# Sparta has a Forever Home



## CuteNCraze86 (Dec 29, 2007)

Two weeks ago I wrote about the feral that I named Sparta. I was having a hard time getting him into a Rescue. Well, I ended up getting him into one and was sooo happy! They had him neutered the day after I took him, got him all his shots, dewormed and the whole works! 

Well, they wait a few weeks before they are actually put up for adoption. So it finally came around, and today was the first day he was up for adoption at a local Petsmart.

He was only shown for two hours before HE WAS ADOPTED!!!!  
I could not be more happy!! I am so happy I was able to find him a Forever Home!! He is so sweet I knew someone must want him!! Not to mention he is beautiful (and has an awesome name). I am just too happy for words about it all :lol: 

Here is a picture for those who dont remember his name or just never saw him before:


----------



## marie73 (Jul 12, 2006)

That's great news!


----------



## Jeanie (Jun 18, 2003)

That's wonderful news! Someone got a beautiful cat.  Thank you for helping him.


----------



## Heidi n Q (Nov 22, 2006)

Two hours before he was adopted, that is amazing!

Poor Shadow spent a whole adoption weekend and no one gave her a second look. Perhaps the fact she hid behind the litterbox the entire time had something to do with it. Her cage companion (CalicoBob, of course a calico/manx) was adopted the first day. I had hoped they would go together as Shadow and CalicoBob had become friends/playmates after their kittens were adopted.

Anyhow, I had to come pick Shadow up on Sunday afternoon, and when I walked into the cat adoption room and went to her cage, she was huddled and hunched as small as she could get behind the litterbox...until I called her name, then she gave a little meow/cry and came shooting to the front and put her paw through the bars, reaching for me.
The volunteer told me that was the most active she had seen her all weekend. When I told Hubby about it, we decided to keep her and not put her through another stressful adoption weekend. She is now LuckyDuck's play-buddy and she likes to leap up and pounce on his shoulders from behind and roll him over, then race down the hallway with him hot on her tail.

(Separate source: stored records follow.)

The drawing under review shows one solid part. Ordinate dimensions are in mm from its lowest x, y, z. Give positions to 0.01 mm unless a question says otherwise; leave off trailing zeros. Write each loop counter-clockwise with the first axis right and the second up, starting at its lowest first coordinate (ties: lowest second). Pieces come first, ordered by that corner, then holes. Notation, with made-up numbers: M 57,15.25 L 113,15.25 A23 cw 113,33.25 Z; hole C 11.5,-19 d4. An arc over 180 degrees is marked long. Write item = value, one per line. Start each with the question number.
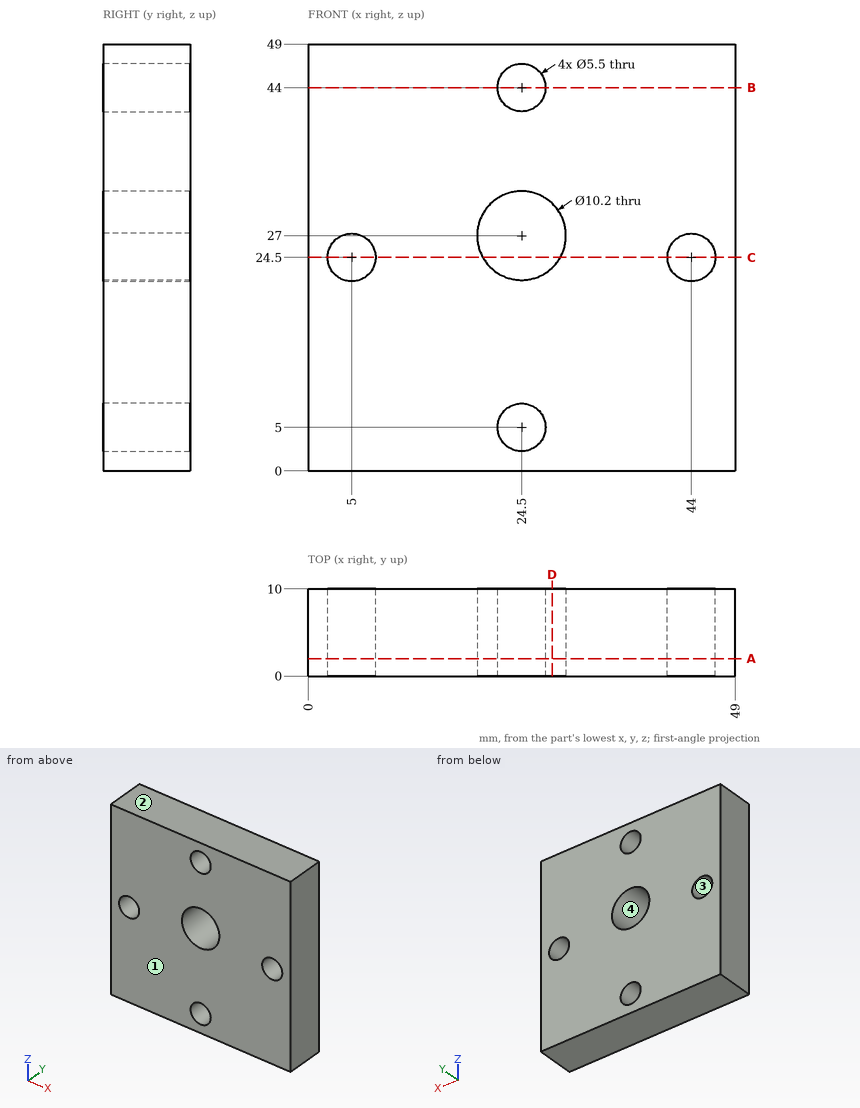
Item 1: Clearance check with a flat-ended pin moving along its axis: P1, Ø9, axis at x = 24.5, z = 44, coming from the +Y side. State where the tip first meets the part, or that it passes through.
Item 2: We need section B-B, the plane z = 44. Write out the cut boundary in (x, y), and give its area (3 significant figures).
Item 3: To check wall thickness, follow probe 1 along X at (y, z) = (6, 27); probe 2 along X at (y, z) = (4, 26); probe 3 along X at (y, z) = (3, 5). State the ranges of each line that lie inside material, in increasing order. Write a range as [from, to].
Item 4: We need section A-A, the plane y = 2. Write out the cut boundary in (x, z), and give its area (3 significant figures).
Item 5: We need section C-C, the plane z = 24.5. Write out the cut boundary in (x, y).
Item 6: The part is to be moulded in two halves that separate along Z. For the marked faces 1, 2, 3 and 4, say which applies: released by +Z, released by -Z, zero draft, split by the parting line, or undercut.
Item 7: We need section D-D, the plane x = 28. Write out the cut boundary in (y, z).
Worked out:
q1.P1 = 10
q2.outline = M 0,0 L 21.75,0 L 21.75,10 L 0,10 Z; M 27.25,0 L 49,0 L 49,10 L 27.25,10 Z
q2.area = 435 mm²
q3.probe_1 = [0, 3.85], [6.15, 19.4], [29.6, 42.85], [45.15, 49]
q3.probe_2 = [0, 2.7], [7.3, 19.5], [29.5, 41.7], [46.3, 49]
q3.probe_3 = [0, 21.75], [27.25, 49]
q4.outline = M 0,0 L 49,0 L 49,49 L 0,49 Z; hole C 5,24.5 d5.5; hole C 24.5,27 d10.2; hole C 24.5,5 d5.5; hole C 24.5,44 d5.5; hole C 44,24.5 d5.5
q4.area = 2,220 mm²
q5.outline = M 0,0 L 2.25,0 L 2.25,10 L 0,10 Z; M 7.75,0 L 20.05,0 L 20.05,10 L 7.75,10 Z; M 28.95,0 L 41.25,0 L 41.25,10 L 28.95,10 Z; M 46.75,0 L 49,0 L 49,10 L 46.75,10 Z
q6.face_1 = zero draft
q6.face_2 = released by +Z
q6.face_3 = undercut
q6.face_4 = undercut
q7.outline = M 0,0 L 10,0 L 10,23.29 L 0,23.29 Z; M 0,30.71 L 10,30.71 L 10,49 L 0,49 Z

Two hours.  Great job, CnC86 and Sparta!


----------



## CuteNCraze86 (Dec 29, 2007)

*Sparta Update - bad news*

I have bad news...

The Rescue group woman wrote me today and said that the girl who took him yesterday brought him back today and said that he wouldnt get along with her cat at home. Obviously that girl has no idea how you introduce cats she must have just thrown them together. She had him for 24 hours, if that! The rescue group woman said that the girl kept mentioning money and how her husband couldnt know what the adoption fee was and a bunch of stuff like that. So she believes the real reason is that she didnt have the money or that her husband didnt want the cat or didnt want to pay or something. 

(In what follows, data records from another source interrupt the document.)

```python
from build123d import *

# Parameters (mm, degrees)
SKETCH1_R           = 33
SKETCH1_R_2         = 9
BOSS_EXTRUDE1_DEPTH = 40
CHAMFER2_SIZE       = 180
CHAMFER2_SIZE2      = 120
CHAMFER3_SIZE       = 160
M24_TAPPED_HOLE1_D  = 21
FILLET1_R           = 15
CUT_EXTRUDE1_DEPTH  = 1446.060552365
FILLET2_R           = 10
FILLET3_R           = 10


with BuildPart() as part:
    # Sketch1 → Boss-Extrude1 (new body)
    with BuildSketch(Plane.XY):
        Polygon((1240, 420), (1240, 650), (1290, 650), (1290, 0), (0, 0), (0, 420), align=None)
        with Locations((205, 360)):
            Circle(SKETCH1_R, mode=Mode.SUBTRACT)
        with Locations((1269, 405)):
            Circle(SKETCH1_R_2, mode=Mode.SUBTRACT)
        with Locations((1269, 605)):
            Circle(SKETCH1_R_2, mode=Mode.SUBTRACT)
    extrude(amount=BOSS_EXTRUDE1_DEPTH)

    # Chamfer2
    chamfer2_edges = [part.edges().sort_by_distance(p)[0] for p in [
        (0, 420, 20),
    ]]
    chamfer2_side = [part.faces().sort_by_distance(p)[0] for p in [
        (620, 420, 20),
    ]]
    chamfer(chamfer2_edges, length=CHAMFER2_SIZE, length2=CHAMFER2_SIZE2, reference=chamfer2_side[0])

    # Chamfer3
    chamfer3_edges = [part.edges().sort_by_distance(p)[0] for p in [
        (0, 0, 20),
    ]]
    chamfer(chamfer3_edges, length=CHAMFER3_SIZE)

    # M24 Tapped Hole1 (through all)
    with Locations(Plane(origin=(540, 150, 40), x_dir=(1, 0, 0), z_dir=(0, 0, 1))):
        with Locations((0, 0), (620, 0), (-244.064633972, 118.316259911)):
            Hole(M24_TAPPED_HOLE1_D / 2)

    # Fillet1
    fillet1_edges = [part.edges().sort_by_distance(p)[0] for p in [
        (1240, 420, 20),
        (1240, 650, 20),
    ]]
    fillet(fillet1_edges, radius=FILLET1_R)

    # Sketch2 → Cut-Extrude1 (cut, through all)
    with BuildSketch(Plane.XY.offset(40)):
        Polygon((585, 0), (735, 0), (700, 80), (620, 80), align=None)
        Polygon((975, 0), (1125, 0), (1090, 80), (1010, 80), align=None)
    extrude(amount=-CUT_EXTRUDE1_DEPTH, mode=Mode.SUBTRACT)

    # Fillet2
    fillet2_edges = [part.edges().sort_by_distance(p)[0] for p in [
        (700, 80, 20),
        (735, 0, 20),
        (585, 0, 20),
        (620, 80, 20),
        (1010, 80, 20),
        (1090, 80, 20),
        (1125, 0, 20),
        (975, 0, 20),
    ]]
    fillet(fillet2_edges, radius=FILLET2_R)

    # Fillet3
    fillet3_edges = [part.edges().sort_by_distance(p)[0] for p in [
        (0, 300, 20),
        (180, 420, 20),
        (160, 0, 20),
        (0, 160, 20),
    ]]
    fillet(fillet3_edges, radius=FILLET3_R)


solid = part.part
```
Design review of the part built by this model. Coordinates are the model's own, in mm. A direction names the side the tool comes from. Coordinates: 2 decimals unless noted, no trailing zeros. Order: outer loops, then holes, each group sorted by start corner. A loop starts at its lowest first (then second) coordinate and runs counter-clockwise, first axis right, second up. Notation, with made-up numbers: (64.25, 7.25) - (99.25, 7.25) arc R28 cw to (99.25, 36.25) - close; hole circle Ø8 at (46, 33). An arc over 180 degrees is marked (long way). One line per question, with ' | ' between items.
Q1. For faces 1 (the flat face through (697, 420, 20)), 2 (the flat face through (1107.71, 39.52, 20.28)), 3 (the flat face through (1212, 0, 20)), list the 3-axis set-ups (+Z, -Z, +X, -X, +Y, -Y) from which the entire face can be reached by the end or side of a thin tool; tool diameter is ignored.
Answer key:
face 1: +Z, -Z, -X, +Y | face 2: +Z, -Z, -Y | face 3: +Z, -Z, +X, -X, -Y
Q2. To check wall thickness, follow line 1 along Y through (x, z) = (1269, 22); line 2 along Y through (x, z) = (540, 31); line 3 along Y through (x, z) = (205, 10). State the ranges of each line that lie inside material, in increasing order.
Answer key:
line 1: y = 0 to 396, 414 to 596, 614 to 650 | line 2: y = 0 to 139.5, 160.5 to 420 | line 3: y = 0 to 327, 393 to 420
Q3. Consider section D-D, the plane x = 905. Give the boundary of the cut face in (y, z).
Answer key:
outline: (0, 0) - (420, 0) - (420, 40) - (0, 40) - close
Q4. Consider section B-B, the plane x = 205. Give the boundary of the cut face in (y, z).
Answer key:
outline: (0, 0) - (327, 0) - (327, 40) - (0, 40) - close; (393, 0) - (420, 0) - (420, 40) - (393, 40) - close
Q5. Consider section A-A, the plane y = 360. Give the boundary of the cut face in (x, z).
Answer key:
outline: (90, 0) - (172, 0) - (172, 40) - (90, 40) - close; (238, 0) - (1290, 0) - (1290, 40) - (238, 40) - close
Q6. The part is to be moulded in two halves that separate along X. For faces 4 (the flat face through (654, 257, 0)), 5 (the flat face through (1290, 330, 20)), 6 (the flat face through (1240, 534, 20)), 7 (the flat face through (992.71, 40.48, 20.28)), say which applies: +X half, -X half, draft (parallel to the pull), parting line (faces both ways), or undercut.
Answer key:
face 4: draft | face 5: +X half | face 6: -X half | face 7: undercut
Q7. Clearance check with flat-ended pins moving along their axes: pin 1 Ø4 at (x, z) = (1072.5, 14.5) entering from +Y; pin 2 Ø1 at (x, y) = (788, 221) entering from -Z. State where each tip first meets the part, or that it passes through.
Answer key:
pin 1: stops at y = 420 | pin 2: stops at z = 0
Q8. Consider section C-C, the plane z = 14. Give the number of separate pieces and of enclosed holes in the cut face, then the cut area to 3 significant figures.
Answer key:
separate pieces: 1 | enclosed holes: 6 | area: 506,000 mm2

I dont know, but now I feel bad. Sparta must be so confused. In the past two weeks hes been at my house, the vet, the fosters house, petsmart, that womans house and now back to petsmart til tomorrow then he will be back at the foster house!! Ahhhh! 

Anyways, sorry this is so long. Here is a link to his website at the Rescue Group. They allowed me to make an "about Sparta" and uploaded some pics I took. 



http://candyscats.rescuegroups.org/anim ... lID=453906


----------



## Jeanie (Jun 18, 2003)

I'm sorry to hear that.  I hope he soon gets a forever home. Poor baby.


----------



## Mitts & Tess (Sep 4, 2004)

Hang in there. There is the right home for Sparta. 

Keep reminding yourself Sparta is in the best place possible. He has you who cares for him deeply and the rescue willing to take him on to find a great forever home. 

Atleast the woman brought him back. It probably wouldnt of been a committed home anyway. I have to keep reminding myself of that when people bring a cat back with lame excuses. I just have to be grateful they arent dumped by the road. I have to control myself not to go into a slow burn!!! :twisted: 

Sparta is so well adjusted. Im sure there will be a forever home soon.

PS
I have my foster cats chipped. so if anyone does abandon them and they are found we will be notified. I put my rescue group on the 24 hour pet watch form.


----------